KOMPARASI.ID – Teriakan dukungan memenuhi Azalea Convention Centre, Sabtu (19/7/2025) malam, saat acara puncak pemilihan Duta Guru dan Duta Muda Cinta Bangga Paham (CBP) Rupiah 2025 berlangsung meriah.
Riuh sorakan “wow keren!” menggema dari sisi kiri dan kanan gedung, menyemangati para finalis yang tampil satu per satu.
Puncak acara ini digelar oleh Kantor Perwakilan Bank Indonesia (BI) Gorontalo, sebagai bagian dari program edukasi nasional CBP Rupiah, bertujuan meningkatkan pemahaman masyarakat tentang pentingnya menjaga, menggunakan, dan menghargai rupiah.
Sebanyak 20 finalis dari kategori Duta Muda dan 20 dari kategori Duta Guru terpilih setelah melalui proses seleksi panjang.

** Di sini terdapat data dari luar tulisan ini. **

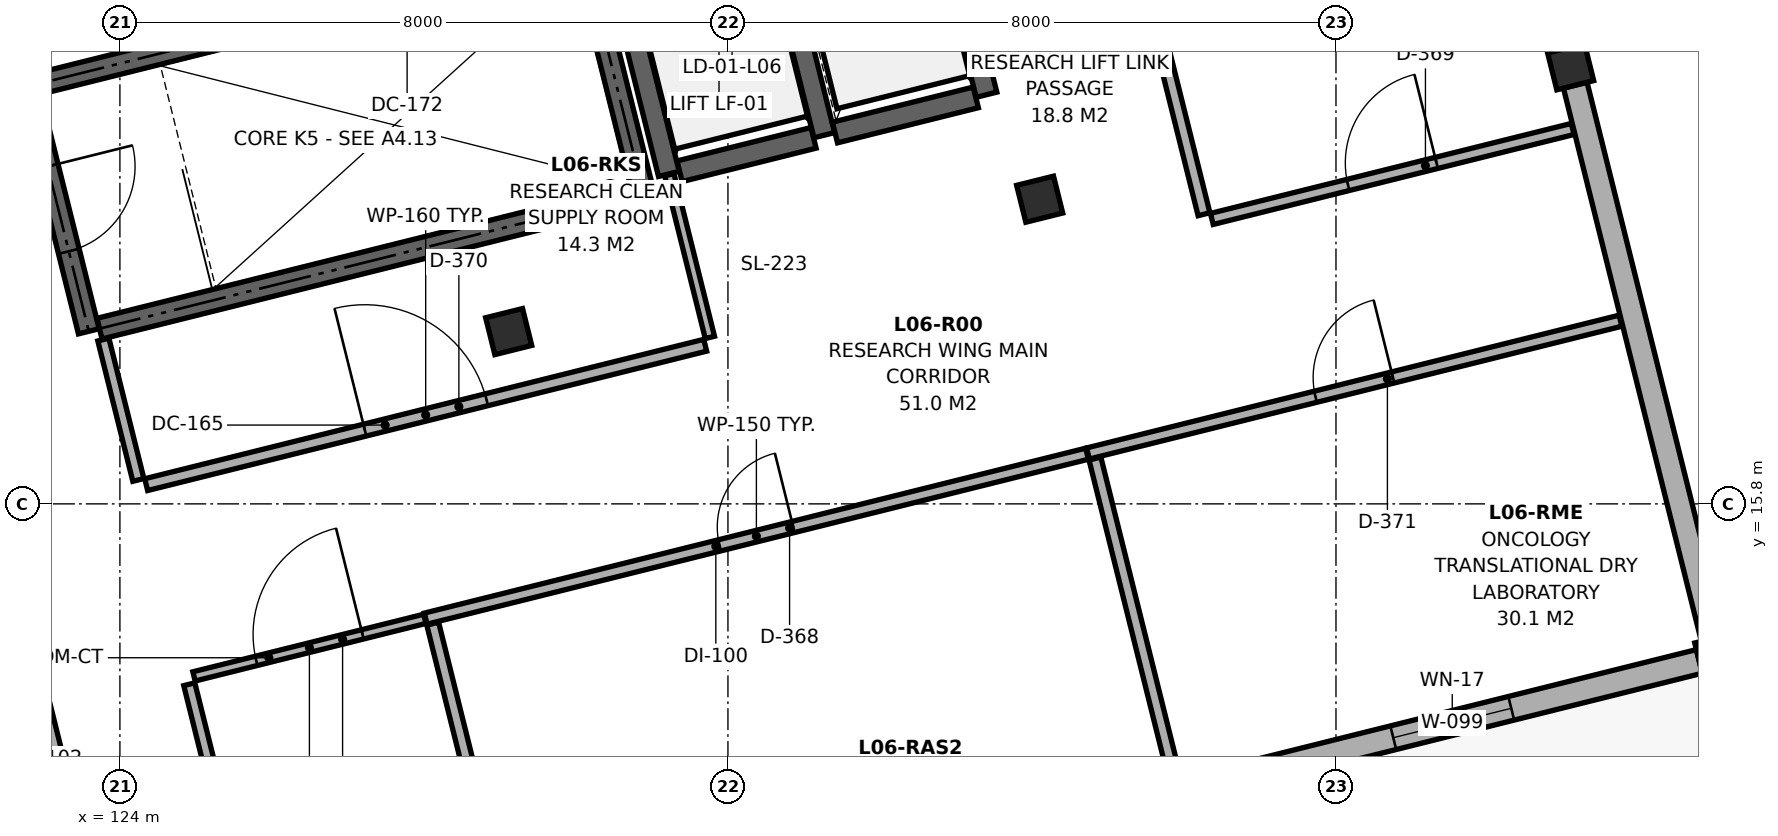
"""IFC4 building model, lengths in metres.
Left out: names, types, materials, properties, quantities, classifications, styles, units other than length and angle.
Written with IfcOpenShell. Run it as: python <this file> out.ifc"""

import sys

from ifc_helpers import new_model, si_unit, direction, frame, frame_2d, origin, origin_2d, place, context, subcontext, project, spatial, rectangle, extrude, element, fill, save


model = new_model("IFC4")
c1 = context("Model", 3, precision=1e-05, world=origin(), true_north=direction((0.0, 1.0)))
c2 = subcontext(c1, "Body", "Model", "MODEL_VIEW")
j1 = project(units=[si_unit("LENGTHUNIT", "METRE"), si_unit("PLANEANGLEUNIT", "RADIAN")], contexts=[c1])
p1 = place(None, origin())
s1 = spatial("IfcSite", under=j1, at=p1, CompositionType="ELEMENT")
p2 = place(p1, origin())
s2 = spatial("IfcBuilding", under=s1, at=p2, CompositionType="ELEMENT")
p3 = place(p2, frame((0.0, 0.0, 25.5)))
s3 = spatial("IfcBuildingStorey", under=s2, at=p3, CompositionType="ELEMENT", Elevation=25.5)
p4 = place(p3, frame((129.115, 18.067, 0.0), z_axis=(0.0, 0.0, 1.0), x_axis=(0.970295726276, 0.2419218956, 0.0)))
e1 = element("IfcColumn", 1, at=p4, inside=s3, PredefinedType="COLUMN", context=c2, shape_type="SweptSolid", body=[
    extrude(rectangle(XDim=0.5, YDim=0.5, at=origin_2d()), origin(), (0.0, 0.0, 1.0), 4.42),
])
p5 = place(p3, frame((136.102, 19.808, 0.0), z_axis=(0.0, 0.0, 1.0), x_axis=(0.970295726276, 0.2419218956, 0.0)))
e2 = element("IfcColumn", 2, at=p5, inside=s3, PredefinedType="COLUMN", context=c2, shape_type="SweptSolid", body=[
    extrude(rectangle(XDim=0.5, YDim=0.5, at=origin_2d()), origin(), (0.0, 0.0, 1.0), 3.818),
])
for number, where, z_axis, x_axis in (
    (3, (145.023, 13.788, 0.0), (0.0, 0.0, 1.0), (0.97, 0.242, 0.0)),
    (4, (143.088, 21.55, 0.0), (0.0, 0.0, 1.0), (0.97, 0.242, 0.0)),
):
    element("IfcColumn", number, at=place(p3, frame(where, z_axis=z_axis, x_axis=x_axis)), inside=s3, PredefinedType="COLUMN", context=c2, shape_type="SweptSolid", body=[
        extrude(rectangle(XDim=0.5, YDim=0.5, at=origin_2d()), origin(), (0.0, 0.0, 1.0), 4.738),
    ])
p6 = place(p3, frame((143.148, 21.308, 0.0), z_axis=(0.0, 0.0, 1.0), x_axis=(0.241930483572, -0.970293585014, 0.0)))
e5 = element("IfcWall", 5, at=p6, inside=s3, PredefinedType="SOLIDWALL", context=c2, shape_type="SweptSolid", body=[
    extrude(rectangle(XDim=7.5, YDim=0.32, at=frame_2d((3.75, 0.0))), origin(), (0.0, 0.0, 1.0), 3.7),
])
p7 = place(p3, frame((144.781, 13.727, 0.0), z_axis=(0.0, 0.0, 1.0), x_axis=(-0.970296633454, -0.241918257079, 0.0)))
e6 = element("IfcWall", 6, at=p7, inside=s3, PredefinedType="SOLIDWALL", context=c2, shape_type="SweptSolid", body=[
    extrude(rectangle(XDim=6.7, YDim=0.32, at=frame_2d((3.35, 0.0))), origin(), (0.0, 0.0, 1.0), 3.7),
])
p8 = place(p7, frame((2.55, 0.0, 0.9)))
e7 = element("IfcOpeningElement", 7, at=p8, cuts=e6, PredefinedType="OPENING", context=c2, shape_type="SweptSolid", body=[
    extrude(rectangle(XDim=1.6, YDim=1.3, at=frame_2d((0.8, 0.65))), frame((0.0, 0.172, 0.0), z_axis=(0.0, -1.0, 0.0), x_axis=(1.0, 0.0, 0.0)), (0.0, 0.0, 1.0), 0.344),
])
p9 = place(p3, frame((124.004, 8.805, 0.0), z_axis=(0.0, 0.0, 1.0), x_axis=(-0.241922842305, 0.970295490235, 0.0)))
e8 = element("IfcWall", 8, at=p9, inside=s3, PredefinedType="SOLIDWALL", context=c2, shape_type="SweptSolid", body=[
    extrude(rectangle(XDim=7.5, YDim=0.32, at=frame_2d((3.75, 0.0))), origin(), (0.0, 0.0, 1.0), 3.7),
])
p10 = place(p9, frame((2.75, 0.0, 0.9)))
e9 = element("IfcOpeningElement", 9, at=p10, cuts=e8, PredefinedType="OPENING", context=c2, shape_type="SweptSolid", body=[
    extrude(rectangle(XDim=2.0, YDim=1.9, at=frame_2d((1.0, 0.95))), frame((0.0, 0.172, 0.0), z_axis=(0.0, -1.0, 0.0), x_axis=(1.0, 0.0, 0.0)), (0.0, 0.0, 1.0), 0.344),
])
p11 = place(p3, frame((123.731, 18.105, 0.0), z_axis=(0.0, 0.0, 1.0), x_axis=(0.970297238923, 0.241915828623, 0.0)))
e10 = element("IfcWall", 10, at=p11, inside=s3, PredefinedType="SHEAR", context=c2, shape_type="SweptSolid", body=[
    extrude(rectangle(XDim=7.23, YDim=0.28, at=frame_2d((3.615, 0.0))), origin(), (0.0, 0.0, 1.0), 3.8),
])
p12 = place(p3, frame((130.887, 19.889, 0.0), z_axis=(0.0, 0.0, 1.0), x_axis=(-0.241947258837, 0.970289402158, 0.0)))
e11 = element("IfcWall", 11, at=p12, inside=s3, PredefinedType="SHEAR", context=c2, shape_type="SweptSolid", body=[
    extrude(rectangle(XDim=3.32, YDim=0.28, at=frame_2d((1.66, 0.0))), origin(), (0.0, 0.0, 1.0), 3.8),
])
p13 = place(p3, frame((129.943, 23.076, 0.0), z_axis=(0.0, 0.0, 1.0), x_axis=(-0.970289312034, -0.241947620266, 0.0)))
e12 = element("IfcWall", 12, at=p13, inside=s3, PredefinedType="SHEAR", context=c2, shape_type="SweptSolid", body=[
    extrude(rectangle(XDim=7.23, YDim=0.28, at=frame_2d((3.615, 0.0))), origin(), (0.0, 0.0, 1.0), 3.8),
])
p14 = place(p3, frame((122.787, 21.292, 0.0), z_axis=(0.0, 0.0, 1.0), x_axis=(0.241860763027, -0.970310966293, 0.0)))
e13 = element("IfcWall", 13, at=p14, inside=s3, PredefinedType="SHEAR", context=c2, shape_type="SweptSolid", body=[
    extrude(rectangle(XDim=3.32, YDim=0.28, at=frame_2d((1.66, 0.0))), origin(), (0.0, 0.0, 1.0), 3.8),
])
p15 = place(p14, frame((1.085, 0.0, 0.0)))
e14 = element("IfcOpeningElement", 14, at=p15, cuts=e13, PredefinedType="OPENING", context=c2, shape_type="SweptSolid", body=[
    extrude(rectangle(XDim=1.15, YDim=2.15, at=frame_2d((0.575, 1.075))), frame((0.0, 0.152, 0.0), z_axis=(0.0, -1.0, 0.0), x_axis=(1.0, 0.0, 0.0)), (0.0, 0.0, 1.0), 0.304),
])
p16 = place(p3, frame((131.363, 20.176, 0.0), z_axis=(0.0, 0.0, 1.0), x_axis=(0.970284587517, 0.241966566341, 0.0)))
e15 = element("IfcWall", 15, at=p16, inside=s3, PredefinedType="SHEAR", context=c2, shape_type="SweptSolid", body=[
    extrude(rectangle(XDim=1.817, YDim=0.28, at=frame_2d((0.909, 0.0))), origin(), (0.0, 0.0, 1.0), 5.3),
])
for number, where, z_axis, x_axis in (
    (16, (133.267, 20.651, 0.0), (0.0, 0.0, 1.0), (-0.242, 0.97, 0.0)),
    (17, (130.498, 23.046, 0.0), (0.0, 0.0, 1.0), (0.242, -0.97, 0.0)),
):
    element("IfcWall", number, at=place(p3, frame(where, z_axis=z_axis, x_axis=x_axis)), inside=s3, PredefinedType="SHEAR", context=c2, shape_type="SweptSolid", body=[
        extrude(rectangle(XDim=2.994, YDim=0.28, at=frame_2d((1.497, 0.0))), origin(), (0.0, 0.0, 1.0), 5.3),
    ])
p17 = place(p3, frame((133.408, 20.686, 0.0), z_axis=(0.0, 0.0, 1.0), x_axis=(0.970285190026, 0.241964150272, 0.0)))
e18 = element("IfcWall", 18, at=p17, inside=s3, PredefinedType="SHEAR", context=c2, shape_type="SweptSolid", body=[
    extrude(rectangle(XDim=1.91, YDim=0.28, at=frame_2d((0.955, 0.0))), origin(), (0.0, 0.0, 1.0), 5.3),
])
p18 = place(p3, frame((135.402, 21.183, 0.0), z_axis=(0.0, 0.0, 1.0), x_axis=(-0.241921647353, 0.970295788171, 0.0)))
e19 = element("IfcWall", 19, at=p18, inside=s3, PredefinedType="SHEAR", context=c2, shape_type="SweptSolid", body=[
    extrude(rectangle(XDim=2.994, YDim=0.28, at=frame_2d((1.497, 0.0))), origin(), (0.0, 0.0, 1.0), 5.3),
])
p19 = place(p3, frame((124.346, 16.053, 0.0), z_axis=(0.0, 0.0, 1.0), x_axis=(0.970295772287, 0.241921711059, 0.0)))
e20 = element("IfcWall", 20, at=p19, inside=s3, PredefinedType="PARTITIONING", context=c2, shape_type="SweptSolid", body=[
    extrude(rectangle(XDim=7.58, YDim=0.16, at=frame_2d((3.79, 0.0))), origin(), (0.0, 0.0, 1.0), 3.7),
])
p20 = place(p19, frame((2.965, 0.0, 0.0)))
e21 = element("IfcOpeningElement", 21, at=p20, cuts=e20, PredefinedType="OPENING", context=c2, shape_type="SweptSolid", body=[
    extrude(rectangle(XDim=1.65, YDim=2.32, at=frame_2d((0.825, 1.16))), frame((0.0, 0.092, 0.0), z_axis=(0.0, -1.0, 0.0), x_axis=(1.0, 0.0, 0.0)), (0.0, 0.0, 1.0), 0.184),
])
p21 = place(p3, frame((124.975, 13.53, 0.0), z_axis=(0.0, 0.0, 1.0), x_axis=(0.970289141252, 0.241948305158, 0.0)))
e22 = element("IfcWall", 22, at=p21, inside=s3, PredefinedType="PARTITIONING", context=c2, shape_type="SweptSolid", body=[
    extrude(rectangle(XDim=3.13, YDim=0.125, at=frame_2d((1.565, 0.0))), origin(), (0.0, 0.0, 1.0), 3.7),
])
p22 = place(p21, frame((0.845, 0.0, 0.0)))
e23 = element("IfcOpeningElement", 23, at=p22, cuts=e22, PredefinedType="OPENING", context=c2, shape_type="SweptSolid", body=[
    extrude(rectangle(XDim=1.44, YDim=2.32, at=frame_2d((0.72, 1.16))), frame((0.0, 0.074, 0.0), z_axis=(0.0, -1.0, 0.0), x_axis=(1.0, 0.0, 0.0)), (0.0, 0.0, 1.0), 0.149),
])
p23 = place(p3, frame((128.023, 14.29, 0.0), z_axis=(0.0, 0.0, 1.0), x_axis=(0.9702992324, 0.241907832869, 0.0)))
e24 = element("IfcWall", 24, at=p23, inside=s3, PredefinedType="PARTITIONING", context=c2, shape_type="SweptSolid", body=[
    extrude(rectangle(XDim=8.968, YDim=0.15, at=frame_2d((4.484, 0.0))), origin(), (0.0, 0.0, 1.0), 3.7),
])
p24 = place(p23, frame((3.984, 0.0, 0.0)))
e25 = element("IfcOpeningElement", 25, at=p24, cuts=e24, PredefinedType="OPENING", context=c2, shape_type="SweptSolid", body=[
    extrude(rectangle(XDim=1.0, YDim=2.15, at=frame_2d((0.5, 1.075))), frame((0.0, 0.087, 0.0), z_axis=(0.0, -1.0, 0.0), x_axis=(1.0, 0.0, 0.0)), (0.0, 0.0, 1.0), 0.174),
])
p25 = place(p3, frame((136.737, 16.463, 0.0), z_axis=(0.0, 0.0, 1.0), x_axis=(0.970289496005, 0.24194688248, 0.0)))
e26 = element("IfcWall", 26, at=p25, inside=s3, PredefinedType="PARTITIONING", context=c2, shape_type="SweptSolid", body=[
    extrude(rectangle(XDim=7.221, YDim=0.15, at=frame_2d((3.61, 0.0))), origin(), (0.0, 0.0, 1.0), 3.7),
])
p26 = place(p25, frame((3.085, 0.0, 0.0)))
e27 = element("IfcOpeningElement", 27, at=p26, cuts=e26, PredefinedType="OPENING", context=c2, shape_type="SweptSolid", body=[
    extrude(rectangle(XDim=1.05, YDim=2.15, at=frame_2d((0.525, 1.075))), frame((0.0, 0.087, 0.0), z_axis=(0.0, -1.0, 0.0), x_axis=(1.0, 0.0, 0.0)), (0.0, 0.0, 1.0), 0.174),
])
p27 = place(p3, frame((138.367, 19.549, 0.0), z_axis=(0.0, 0.0, 1.0), x_axis=(0.970289077222, 0.241948561938, 0.0)))
e28 = element("IfcWall", 28, at=p27, inside=s3, PredefinedType="PARTITIONING", context=c2, shape_type="SweptSolid", body=[
    extrude(rectangle(XDim=4.893, YDim=0.15, at=frame_2d((2.446, 0.0))), origin(), (0.0, 0.0, 1.0), 3.7),
])
p28 = place(p27, frame((1.846, 0.0, 0.0)))
e29 = element("IfcOpeningElement", 29, at=p28, cuts=e28, PredefinedType="OPENING", context=c2, shape_type="SweptSolid", body=[
    extrude(rectangle(XDim=1.2, YDim=2.15, at=frame_2d((0.6, 1.075))), frame((0.0, 0.087, 0.0), z_axis=(0.0, -1.0, 0.0), x_axis=(1.0, 0.0, 0.0)), (0.0, 0.0, 1.0), 0.174),
])
p29 = place(p3, frame((124.243, 16.115, 0.0), z_axis=(0.0, 0.0, 1.0), x_axis=(-0.241962034071, 0.970285717749, 0.0)))
e30 = element("IfcWall", 30, at=p29, inside=s3, PredefinedType="PARTITIONING", context=c2, shape_type="SweptSolid", body=[
    extrude(rectangle(XDim=1.903, YDim=0.15, at=frame_2d((0.952, 0.0))), origin(), (0.0, 0.0, 1.0), 3.7),
])
p30 = place(p3, frame((131.763, 17.99, 0.0), z_axis=(0.0, 0.0, 1.0), x_axis=(-0.241962612769, 0.970285573438, 0.0)))
e31 = element("IfcWall", 31, at=p30, inside=s3, PredefinedType="PARTITIONING", context=c2, shape_type="SweptSolid", body=[
    extrude(rectangle(XDim=2.206, YDim=0.125, at=frame_2d((1.103, 0.0))), origin(), (0.0, 0.0, 1.0), 3.7),
])
p31 = place(p3, frame((126.607, 6.632, 0.0), z_axis=(0.0, 0.0, 1.0), x_axis=(-0.241944970231, 0.970289972833, 0.0)))
e32 = element("IfcWall", 32, at=p31, inside=s3, PredefinedType="PARTITIONING", context=c2, shape_type="SweptSolid", body=[
    extrude(rectangle(XDim=7.003, YDim=0.15, at=frame_2d((3.501, 0.0))), origin(), (0.0, 0.0, 1.0), 3.7),
])
p32 = place(p3, frame((129.809, 7.43, 0.0), z_axis=(0.0, 0.0, 1.0), x_axis=(-0.241911968874, 0.970298201233, 0.0)))
e33 = element("IfcWall", 33, at=p32, inside=s3, PredefinedType="PARTITIONING", context=c2, shape_type="SweptSolid", body=[
    extrude(rectangle(XDim=7.001, YDim=0.16, at=frame_2d((3.5, 0.0))), origin(), (0.0, 0.0, 1.0), 3.7),
])
p33 = place(p3, frame((137.87, 12.22, 0.0), z_axis=(0.0, 0.0, 1.0), x_axis=(-0.241948270812, 0.970289149816, 0.0)))
e34 = element("IfcWall", 34, at=p33, inside=s3, PredefinedType="PARTITIONING", context=c2, shape_type="SweptSolid", body=[
    extrude(rectangle(XDim=4.304, YDim=0.16, at=frame_2d((2.152, 0.0))), origin(), (0.0, 0.0, 1.0), 3.7),
])
p34 = place(p3, frame((138.264, 19.611, 0.0), z_axis=(0.0, 0.0, 1.0), x_axis=(-0.241937132378, 0.970291927193, 0.0)))
e35 = element("IfcWall", 35, at=p34, inside=s3, PredefinedType="PARTITIONING", context=c2, shape_type="SweptSolid", body=[
    extrude(rectangle(XDim=8.543, YDim=0.16, at=frame_2d((4.271, 0.0))), origin(), (0.0, 0.0, 1.0), 3.7),
])
p35 = place(p8, origin())
e36 = element("IfcWindow", 36, at=p35, inside=s3, PartitioningType="DOUBLE_PANEL_VERTICAL", PredefinedType="WINDOW", context=c2, shape_type="SweptSolid", body=[
    extrude(rectangle(XDim=1.6, YDim=1.3, at=frame_2d((0.8, 0.65))), frame((0.0, 0.03, 0.0), z_axis=(0.0, -1.0, 0.0), x_axis=(1.0, 0.0, 0.0)), (0.0, 0.0, 1.0), 0.06),
])
fill(e7, e36)
p36 = place(p10, origin())
e37 = element("IfcWindow", 37, at=p36, inside=s3, PartitioningType="DOUBLE_PANEL_VERTICAL", PredefinedType="WINDOW", context=c2, shape_type="SweptSolid", body=[
    extrude(rectangle(XDim=2.0, YDim=1.9, at=frame_2d((1.0, 0.95))), frame((0.0, 0.03, 0.0), z_axis=(0.0, -1.0, 0.0), x_axis=(1.0, 0.0, 0.0)), (0.0, 0.0, 1.0), 0.06),
])
fill(e9, e37)
p37 = place(p15, origin())
e38 = element("IfcDoor", 38, at=p37, inside=s3, OperationType="SINGLE_SWING_LEFT", PredefinedType="DOOR", context=c2, shape_type="SweptSolid", body=[
    extrude(rectangle(XDim=1.15, YDim=2.15, at=frame_2d((0.575, 1.075))), frame((0.0, 0.025, 0.0), z_axis=(0.0, -1.0, 0.0), x_axis=(1.0, 0.0, 0.0)), (0.0, 0.0, 1.0), 0.05),
])
fill(e14, e38)
p38 = place(p20, origin())
e39 = element("IfcDoor", 39, at=p38, inside=s3, OperationType="SINGLE_SWING_LEFT", PredefinedType="DOOR", context=c2, shape_type="SweptSolid", body=[
    extrude(rectangle(XDim=1.65, YDim=2.32, at=frame_2d((0.825, 1.16))), frame((0.0, 0.025, 0.0), z_axis=(0.0, -1.0, 0.0), x_axis=(1.0, 0.0, 0.0)), (0.0, 0.0, 1.0), 0.05),
])
fill(e21, e39)
p39 = place(p22, origin())
e40 = element("IfcDoor", 40, at=p39, inside=s3, OperationType="SINGLE_SWING_RIGHT", PredefinedType="DOOR", context=c2, shape_type="SweptSolid", body=[
    extrude(rectangle(XDim=1.44, YDim=2.32, at=frame_2d((0.72, 1.16))), frame((0.0, 0.025, 0.0), z_axis=(0.0, -1.0, 0.0), x_axis=(1.0, 0.0, 0.0)), (0.0, 0.0, 1.0), 0.05),
])
fill(e23, e40)
p40 = place(p24, origin())
e41 = element("IfcDoor", 41, at=p40, inside=s3, OperationType="SINGLE_SWING_RIGHT", PredefinedType="DOOR", context=c2, shape_type="SweptSolid", body=[
    extrude(rectangle(XDim=1.0, YDim=2.15, at=frame_2d((0.5, 1.075))), frame((0.0, 0.025, 0.0), z_axis=(0.0, -1.0, 0.0), x_axis=(1.0, 0.0, 0.0)), (0.0, 0.0, 1.0), 0.05),
])
fill(e25, e41)
p41 = place(p26, origin())
e42 = element("IfcDoor", 42, at=p41, inside=s3, OperationType="SINGLE_SWING_RIGHT", PredefinedType="DOOR", context=c2, shape_type="SweptSolid", body=[
    extrude(rectangle(XDim=1.05, YDim=2.15, at=frame_2d((0.525, 1.075))), frame((0.0, 0.025, 0.0), z_axis=(0.0, -1.0, 0.0), x_axis=(1.0, 0.0, 0.0)), (0.0, 0.0, 1.0), 0.05),
])
fill(e27, e42)
p42 = place(p28, origin())
e43 = element("IfcDoor", 43, at=p42, inside=s3, OperationType="SINGLE_SWING_RIGHT", PredefinedType="DOOR", context=c2, shape_type="SweptSolid", body=[
    extrude(rectangle(XDim=1.2, YDim=2.15, at=frame_2d((0.6, 1.075))), frame((0.0, 0.025, 0.0), z_axis=(0.0, -1.0, 0.0), x_axis=(1.0, 0.0, 0.0)), (0.0, 0.0, 1.0), 0.05),
])
fill(e29, e43)
save(model, sys.argv[1])

Mayoritas peserta kategori guru berasal dari sekolah formal. Namun, satu nama mencuri perhatian karena berasal dari jalur nonformal.
Fitri Fathia Paramita Kinanti, perempuan yang akrab disapa Kinan ini bukan guru dari sekolah negeri atau swasta unggulan.
Ia merupakan Kepala Pusat Kegiatan Belajar Masyarakat (PKBM) Hutuo Lestari di Kabupaten Gorontalo.
Keterlibatannya dalam ajang ini bermula saat ia membaca poster Bank Indonesia yang membuka pendaftaran bagi seluruh pendidik dari lembaga yang sederajat, termasuk pendidikan nonformal.
“Waktu baca di poster BI dan ternyata dibuka untuk sederajat. Jadi merasa BI memberikan kesempatan bagi pendidikan nonformal juga,” kata Kinan.
Meski awalnya sempat ragu karena hampir semua peserta lain berasal dari sekolah-sekolah favorit di Gorontalo, Kinan tetap melangkah dengan niat kuat.
“Saya hanya berusaha do my best!” ujarnya.
Pada tahap seleksi administrasi, 46 guru dinyatakan lolos. Kinan termasuk di antaranya.
Proses berlanjut ke tahapan edukasi dan sosialisasi ke masyarakat, yang kemudian dikemas dalam konten media sosial sebagai bahan penilaian.
Uniknya, Kinan melakukan edukasi di daerah-daerah terpencil, jauh dari pusat kota, berbeda dengan peserta lain yang mengajar di sekolah formal di wilayah yang lebih terjangkau.
“Salah satu motivasi saya ikut ajang ini juga untuk mengenalkan pendidikan nonformal ke masyarakat luas,” ungkapnya.

Ketika pengumuman 10 besar, nomor urut 08 milik Kinan disebut. Ia mengaku terkejut, sekaligus bersyukur.
“Nomor 08 ini hoki karena sesuai dengan tanggal lahir saya,” katanya sambil tertawa.
Meski banyak peserta tampil prima saat sesi Public Speech, Kinan tetap rendah hati.
“Pokoknya semua peserta itu sebenarnya pantas untuk jadi juara satu,” katanya.
Pendukungnya malam itu bukan siswa seperti peserta lain, melainkan keluarga kecilnya, suami, anak, dan ibunya.
“Jam segini siswa saya pasti udah istirahat, karena besok harus bekerja. Ada yang ke pasar, narik bentor, ke sawah, atau yang lainnya,” imbuhnya.
Ketika akhirnya namanya disebut sebagai bagian dari 10 besar, Kinan mengaku benar-benar tidak percaya.
Ia bahkan belum memiliki persiapan matang untuk sesi studi kasus yang menentukan.
Sebagai satu-satunya perwakilan dari pendidikan nonformal, Kinan merasa membawa beban moral dan semangat kolektif.
“Saya tidak hanya mewakili PKBM Hutuo Lestari, tapi juga pendidikan nonformal secara keseluruhan,” tegasnya.
Ia ingin menunjukkan bahwa pendidikan nonformal memiliki kualitas dan kompetensi yang setara dengan pendidikan formal.
Menurutnya, banyak proses penilaian bersifat personal, seperti psikotes dan observasi sosial-emosional saat karantina.
“Micro teaching juga kami jalani. Metode mengajar pun sama. Tidak ada bedanya,” jelasnya.
Sebagai Ketua Forum PKBM Kabupaten Gorontalo, Kinan berharap lebih banyak pegiat pendidikan nonformal percaya diri tampil dalam ajang serupa.
“Jangan pernah langsung menjustifikasi diri, dan berpikir bahwa dari sekolah formal yang lebih layak. Karena selagi masih bisa diperjuangkan, ayo sama-sama kita perjuangkan,” pungkasnya.